Great pics. Thanks so much for sharing.


----------



## lotsasteam (Jan 3, 2008)

GREAT LAYOUT! Beautiful weathering ! 

Thanks , 

Manfred diel


----------



## Gary Armitstead (Jan 2, 2008)

Great shots Jack. Luv 'em!


----------



## Steve Stockham (Jan 2, 2008)

Wow! What an excellent photo journey! This would be a perfect candidate for "Great Garden Railway Journeys: A Photographic Album" (just a thought...)


----------



## Jerry Barnes (Jan 2, 2008)

Great trains on a very nice layout. Such great backgrounds.


----------



## Pete Thornton (Jan 2, 2008)

_You've no idea how much trouble Jack had getting photos without 1:1 figures in the background! He wasn't the only one running trains._ 

P.S. Jack, it was a beautiful sight (and sound,) and the photos are fabulous.


----------



## peter bunce (Dec 29, 2007)

Hi Jack, 

Another vote of 'Thanks' for the photos - very impressive!


----------



## Richard Smith (Jan 2, 2008)

Besides the excellent models that is some fabulous photography. Great pix!!! Many thanks for the show.


----------



## Big65Dude (Jan 2, 2008)

Posted By Pete Thornton on 16 Nov 2009 02:38 PM 
_You've no idea how much trouble Jack had getting photos without 1:1 figures in the background! He wasn't the only one running trains._ 

More trouble than you might think, Pete. Thank goodness for Photoshop - it does come in handy from time to time.


----------



## Larry Green (Jan 2, 2008)

Nice pictures. Any chance of more shots of that inspection engine? 

Larry


----------



## Dwight Ennis (Jan 2, 2008)

So is Rog allowing live steam to run again? I heard he banned it after a live steamer speckled one of his newly painted sparkie locos with oily water.


----------



## Big65Dude (Jan 2, 2008)

Posted By Larry Green on 19 Nov 2009 09:22 AM 
Nice pictures. Any chance of more shots of that inspection engine?

Larry -

Just click on my name below and that will take you to my page on Dean Whipple's excellent web site where you can see more pix of it. Look for the "Engines" drop-down menu and click on the bottom option - "An 'Inspection' Engine."


----------



## Big65Dude (Jan 2, 2008)

Posted By Dwight Ennis on 19 Nov 2009 09:34 AM 
So is Rog allowing live steam to run again? I heard he banned it after a live steamer speckled one of his newly painted sparkie locos with oily water.








Dwight,

Not so. Roger is sticking to his "Battery Powered Only" policy - as far as I know. (Rog will probably confirm this - I will leave the last word to him.)


----------



## Big65Dude (Jan 2, 2008)

To all who have made nice comments about this posting - thank you very much. 

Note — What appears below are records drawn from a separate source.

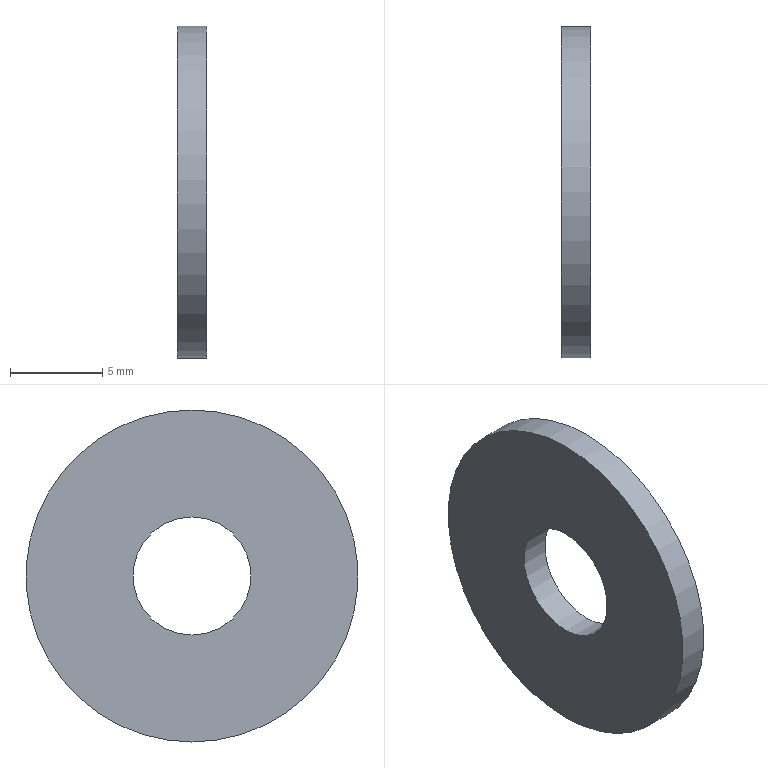Component | NX | GB-T96_1-2002_M6 | 1 solid | 4 faces | box 1.6 x 18 x 18 mm | volume 356 mm3 | cylinder 2 | plane 2 | commonest cylinder face diameters 18 x1 6.4 x1
STEP:
#1=CARTESIAN_POINT('',(0.,0.,0.));
#2=DIRECTION('',(0.,0.,1.));
#3=DIRECTION('',(1.,0.,0.));
#4=AXIS2_PLACEMENT_3D('',#1,#2,#3);
#5=CARTESIAN_POINT('',(6.,-32.,-48.));
#6=VERTEX_POINT('',#5);
#7=CARTESIAN_POINT('',(6.,-32.,-57.));
#8=DIRECTION('',(1.,0.,0.));
#9=DIRECTION('',(0.,0.,1.));
#10=AXIS2_PLACEMENT_3D('',#7,#8,#9);
#11=CIRCLE('',#10,9.);
#12=CARTESIAN_POINT('',(6.,-32.,-57.));
#13=DIRECTION('',(-1.,0.,0.));
#14=DIRECTION('',(0.,0.,-1.));
#15=AXIS2_PLACEMENT_3D('',#12,#13,#14);
#16=CYLINDRICAL_SURFACE('',#15,9.);
#17=CARTESIAN_POINT('',(9.425,0.));
#18=DIRECTION('',(-1.,0.));
#19=VECTOR('',#18,1.);
#20=LINE('',#17,#19);
#21=(GEOMETRIC_REPRESENTATION_CONTEXT(2)PARAMETRIC_REPRESENTATION_CONTEXT()REPRESENTATION_CONTEXT('',''));
#22=DEFINITIONAL_REPRESENTATION('',(#20),#21);
#23=PCURVE('',#16,#22);
#24=CARTESIAN_POINT('',(6.,-32.,-57.));
#25=DIRECTION('',(1.,0.,0.));
#26=DIRECTION('',(0.,0.,1.));
#27=AXIS2_PLACEMENT_3D('',#24,#25,#26);
#28=PLANE('',#27);
#29=CARTESIAN_POINT('',(0.,0.));
#30=DIRECTION('',(1.,0.));
#31=AXIS2_PLACEMENT_2D('',#29,#30);
#32=CIRCLE('',#31,9.);
#33=(GEOMETRIC_REPRESENTATION_CONTEXT(2)PARAMETRIC_REPRESENTATION_CONTEXT()REPRESENTATION_CONTEXT('',''));
#34=DEFINITIONAL_REPRESENTATION('',(#32),#33);
#35=PCURVE('',#28,#34);
#36=SURFACE_CURVE('',#11,(#23,#35),.PCURVE_S1.);
#37=EDGE_CURVE('',#6,#6,#36,.T.);
#38=ORIENTED_EDGE('',*,*,#37,.F.);
#39=CARTESIAN_POINT('',(4.4,-32.,-48.));
#40=VERTEX_POINT('',#39);
#41=CARTESIAN_POINT('',(6.,-32.,-48.));
#42=CARTESIAN_POINT('',(4.4,-32.,-48.));
#43=B_SPLINE_CURVE_WITH_KNOTS('',1,(#41,#42),.UNSPECIFIED.,.F.,.F.,(2,2),(0.,1.6),.PIECEWISE_BEZIER_KNOTS.);
#44=CARTESIAN_POINT('',(9.425,0.));
#45=DIRECTION('',(0.,1.));
#46=VECTOR('',#45,1.);
#47=LINE('',#44,#46);
#48=(GEOMETRIC_REPRESENTATION_CONTEXT(2)PARAMETRIC_REPRESENTATION_CONTEXT()REPRESENTATION_CONTEXT('',''));
#49=DEFINITIONAL_REPRESENTATION('',(#47),#48);
#50=PCURVE('',#16,#49);
#51=CARTESIAN_POINT('',(3.142,0.));
#52=DIRECTION('',(0.,1.));
#53=VECTOR('',#52,1.);
#54=LINE('',#51,#53);
#55=(GEOMETRIC_REPRESENTATION_CONTEXT(2)PARAMETRIC_REPRESENTATION_CONTEXT()REPRESENTATION_CONTEXT('',''));
#56=DEFINITIONAL_REPRESENTATION('',(#54),#55);
#57=PCURVE('',#16,#56);
#58=SEAM_CURVE('',#43,(#50,#57),.PCURVE_S1.);
#59=EDGE_CURVE('',#6,#40,#58,.T.);
#60=ORIENTED_EDGE('',*,*,#59,.T.);
#61=CARTESIAN_POINT('',(4.4,-32.,-57.));
#62=DIRECTION('',(1.,0.,0.));
#63=DIRECTION('',(0.,0.,1.));
#64=AXIS2_PLACEMENT_3D('',#61,#62,#63);
#65=CIRCLE('',#64,9.);
#66=CARTESIAN_POINT('',(9.425,1.6));
#67=DIRECTION('',(-1.,0.));
#68=VECTOR('',#67,1.);
#69=LINE('',#66,#68);
#70=(GEOMETRIC_REPRESENTATION_CONTEXT(2)PARAMETRIC_REPRESENTATION_CONTEXT()REPRESENTATION_CONTEXT('',''));
#71=DEFINITIONAL_REPRESENTATION('',(#69),#70);
#72=PCURVE('',#16,#71);
#73=CARTESIAN_POINT('',(4.4,-32.,-57.));
#74=DIRECTION('',(1.,0.,0.));
#75=DIRECTION('',(0.,0.,1.));
#76=AXIS2_PLACEMENT_3D('',#73,#74,#75);
#77=PLANE('',#76);
#78=CARTESIAN_POINT('',(0.,0.));
#79=DIRECTION('',(1.,0.));
#80=AXIS2_PLACEMENT_2D('',#78,#79);
#81=CIRCLE('',#80,9.);
#82=(GEOMETRIC_REPRESENTATION_CONTEXT(2)PARAMETRIC_REPRESENTATION_CONTEXT()REPRESENTATION_CONTEXT('',''));
#83=DEFINITIONAL_REPRESENTATION('',(#81),#82);
#84=PCURVE('',#77,#83);
#85=SURFACE_CURVE('',#65,(#72,#84),.PCURVE_S1.);
#86=EDGE_CURVE('',#40,#40,#85,.T.);
#87=ORIENTED_EDGE('',*,*,#86,.T.);
#88=ORIENTED_EDGE('',*,*,#59,.F.);
#89=EDGE_LOOP('',(#38,#60,#87,#88));
#90=FACE_BOUND('',#89,.T.);
#91=ADVANCED_FACE('',(#90),#16,.T.);
#92=CARTESIAN_POINT('',(6.,-32.,-53.8));
#93=VERTEX_POINT('',#92);
#94=CARTESIAN_POINT('',(6.,-32.,-57.));
#95=DIRECTION('',(1.,0.,0.));
#96=DIRECTION('',(0.,0.,1.));
#97=AXIS2_PLACEMENT_3D('',#94,#95,#96);
#98=CIRCLE('',#97,3.2);
#99=CARTESIAN_POINT('',(6.,-32.,-57.));
#100=DIRECTION('',(-1.,0.,0.));
#101=DIRECTION('',(0.,0.,-1.));
#102=AXIS2_PLACEMENT_3D('',#99,#100,#101);
#103=CYLINDRICAL_SURFACE('',#102,3.2);
#104=CARTESIAN_POINT('',(9.425,0.));
#105=DIRECTION('',(-1.,0.));
#106=VECTOR('',#105,1.);
#107=LINE('',#104,#106);
#108=(GEOMETRIC_REPRESENTATION_CONTEXT(2)PARAMETRIC_REPRESENTATION_CONTEXT()REPRESENTATION_CONTEXT('',''));
#109=DEFINITIONAL_REPRESENTATION('',(#107),#108);
#110=PCURVE('',#103,#109);
#111=CARTESIAN_POINT('',(0.,0.));
#112=DIRECTION('',(1.,0.));
#113=AXIS2_PLACEMENT_2D('',#111,#112);
#114=CIRCLE('',#113,3.2);
#115=(GEOMETRIC_REPRESENTATION_CONTEXT(2)PARAMETRIC_REPRESENTATION_CONTEXT()REPRESENTATION_CONTEXT('',''));
#116=DEFINITIONAL_REPRESENTATION('',(#114),#115);
#117=PCURVE('',#28,#116);
#118=SURFACE_CURVE('',#98,(#110,#117),.PCURVE_S1.);
#119=EDGE_CURVE('',#93,#93,#118,.T.);
#120=ORIENTED_EDGE('',*,*,#119,.F.);
#121=CARTESIAN_POINT('',(4.4,-32.,-53.8));
#122=VERTEX_POINT('',#121);
#123=CARTESIAN_POINT('',(6.,-32.,-53.8));
#124=CARTESIAN_POINT('',(4.4,-32.,-53.8));
#125=B_SPLINE_CURVE_WITH_KNOTS('',1,(#123,#124),.UNSPECIFIED.,.F.,.F.,(2,2),(0.,1.6),.PIECEWISE_BEZIER_KNOTS.);
#126=CARTESIAN_POINT('',(9.425,0.));
#127=DIRECTION('',(0.,1.));
#128=VECTOR('',#127,1.);
#129=LINE('',#126,#128);
#130=(GEOMETRIC_REPRESENTATION_CONTEXT(2)PARAMETRIC_REPRESENTATION_CONTEXT()REPRESENTATION_CONTEXT('',''));
#131=DEFINITIONAL_REPRESENTATION('',(#129),#130);
#132=PCURVE('',#103,#131);
#133=CARTESIAN_POINT('',(3.142,0.));
#134=DIRECTION('',(0.,1.));
#135=VECTOR('',#134,1.);
#136=LINE('',#133,#135);
#137=(GEOMETRIC_REPRESENTATION_CONTEXT(2)PARAMETRIC_REPRESENTATION_CONTEXT()REPRESENTATION_CONTEXT('',''));
#138=DEFINITIONAL_REPRESENTATION('',(#136),#137);
#139=PCURVE('',#103,#138);
#140=SEAM_CURVE('',#125,(#132,#139),.PCURVE_S1.);
#141=EDGE_CURVE('',#93,#122,#140,.T.);
#142=ORIENTED_EDGE('',*,*,#141,.T.);
#143=CARTESIAN_POINT('',(4.4,-32.,-57.));
#144=DIRECTION('',(1.,0.,0.));
#145=DIRECTION('',(0.,0.,1.));
#146=AXIS2_PLACEMENT_3D('',#143,#144,#145);
#147=CIRCLE('',#146,3.2);
#148=CARTESIAN_POINT('',(9.425,1.6));
#149=DIRECTION('',(-1.,0.));
#150=VECTOR('',#149,1.);
#151=LINE('',#148,#150);
#152=(GEOMETRIC_REPRESENTATION_CONTEXT(2)PARAMETRIC_REPRESENTATION_CONTEXT()REPRESENTATION_CONTEXT('',''));
#153=DEFINITIONAL_REPRESENTATION('',(#151),#152);
#154=PCURVE('',#103,#153);
#155=CARTESIAN_POINT('',(0.,0.));
#156=DIRECTION('',(1.,0.));
#157=AXIS2_PLACEMENT_2D('',#155,#156);
#158=CIRCLE('',#157,3.2);
#159=(GEOMETRIC_REPRESENTATION_CONTEXT(2)PARAMETRIC_REPRESENTATION_CONTEXT()REPRESENTATION_CONTEXT('',''));
#160=DEFINITIONAL_REPRESENTATION('',(#158),#159);
#161=PCURVE('',#77,#160);
#162=SURFACE_CURVE('',#147,(#154,#161),.PCURVE_S1.);
#163=EDGE_CURVE('',#122,#122,#162,.T.);
#164=ORIENTED_EDGE('',*,*,#163,.T.);
#165=ORIENTED_EDGE('',*,*,#141,.F.);
#166=EDGE_LOOP('',(#120,#142,#164,#165));
#167=FACE_BOUND('',#166,.F.);
#168=ADVANCED_FACE('',(#167),#103,.F.);
#169=ORIENTED_EDGE('',*,*,#37,.T.);
#170=EDGE_LOOP('',(#169));
#171=FACE_BOUND('',#170,.T.);
#172=ORIENTED_EDGE('',*,*,#119,.F.);
#173=EDGE_LOOP('',(#172));
#174=FACE_BOUND('',#173,.T.);
#175=ADVANCED_FACE('',(#171,#174),#28,.T.);
#176=ORIENTED_EDGE('',*,*,#86,.F.);
#177=EDGE_LOOP('',(#176));
#178=FACE_BOUND('',#177,.T.);
#179=ORIENTED_EDGE('',*,*,#163,.T.);
#180=EDGE_LOOP('',(#179));
#181=FACE_BOUND('',#180,.T.);
#182=ADVANCED_FACE('',(#178,#181),#77,.F.);
#183=CLOSED_SHELL('',(#91,#168,#175,#182));
#184=MANIFOLD_SOLID_BREP('',#183);
#185=(LENGTH_UNIT()NAMED_UNIT(*)SI_UNIT(.MILLI.,.METRE.));
#186=UNCERTAINTY_MEASURE_WITH_UNIT(LENGTH_MEASURE(0.00001),#185,'','');
#187=(NAMED_UNIT(*)PLANE_ANGLE_UNIT()SI_UNIT($,.RADIAN.));
#188=(NAMED_UNIT(*)SI_UNIT($,.STERADIAN.)SOLID_ANGLE_UNIT());
#189=(GEOMETRIC_REPRESENTATION_CONTEXT(3)GLOBAL_UNCERTAINTY_ASSIGNED_CONTEXT((#186))GLOBAL_UNIT_ASSIGNED_CONTEXT((#185,#187,#188))REPRESENTATION_CONTEXT('',''));
#190=ADVANCED_BREP_SHAPE_REPRESENTATION('',(#4,#184),#189);

I'd also like to thank *Roger Cutter* for allowing us to have such access to his wonderful layout - the RGS East[/b]. It's a privilege I don't take lightly. I recommend that any and all of you take whatever opportunity you may have to visit Rog's beautiful farm in north central Maryland (about 10 miles north of Baltimore,) where all are welcome during his "open house" operation sessions.


----------



## Pete Thornton (Jan 2, 2008)

So is Rog allowing live steam to run again? 
_Just curious - what made you think it was live steam?_ 

Alas, Rog even rebuilt the flat live steam loop and scenic'd it (Jack's station stop) so I leave my steamers at home. Jack's paint jobs are also too neat to spoil! 

Lew Matt of Model Railroad Hobbyist was there taking lots of pics and video. I believe he's doing an article on the RGSEast for a future issue.


----------



## Dwight Ennis (Jan 2, 2008)

Just curious - what made you think it was live steam?I'm not sure I understand your question Pete. If you're asking me if I thought Jack's photos were of a live steam loco, no I didn't. I asked the question because the thread included discussion of Rog's layout, and this subject of live steam on same came up in a conversation I was having about a week back. 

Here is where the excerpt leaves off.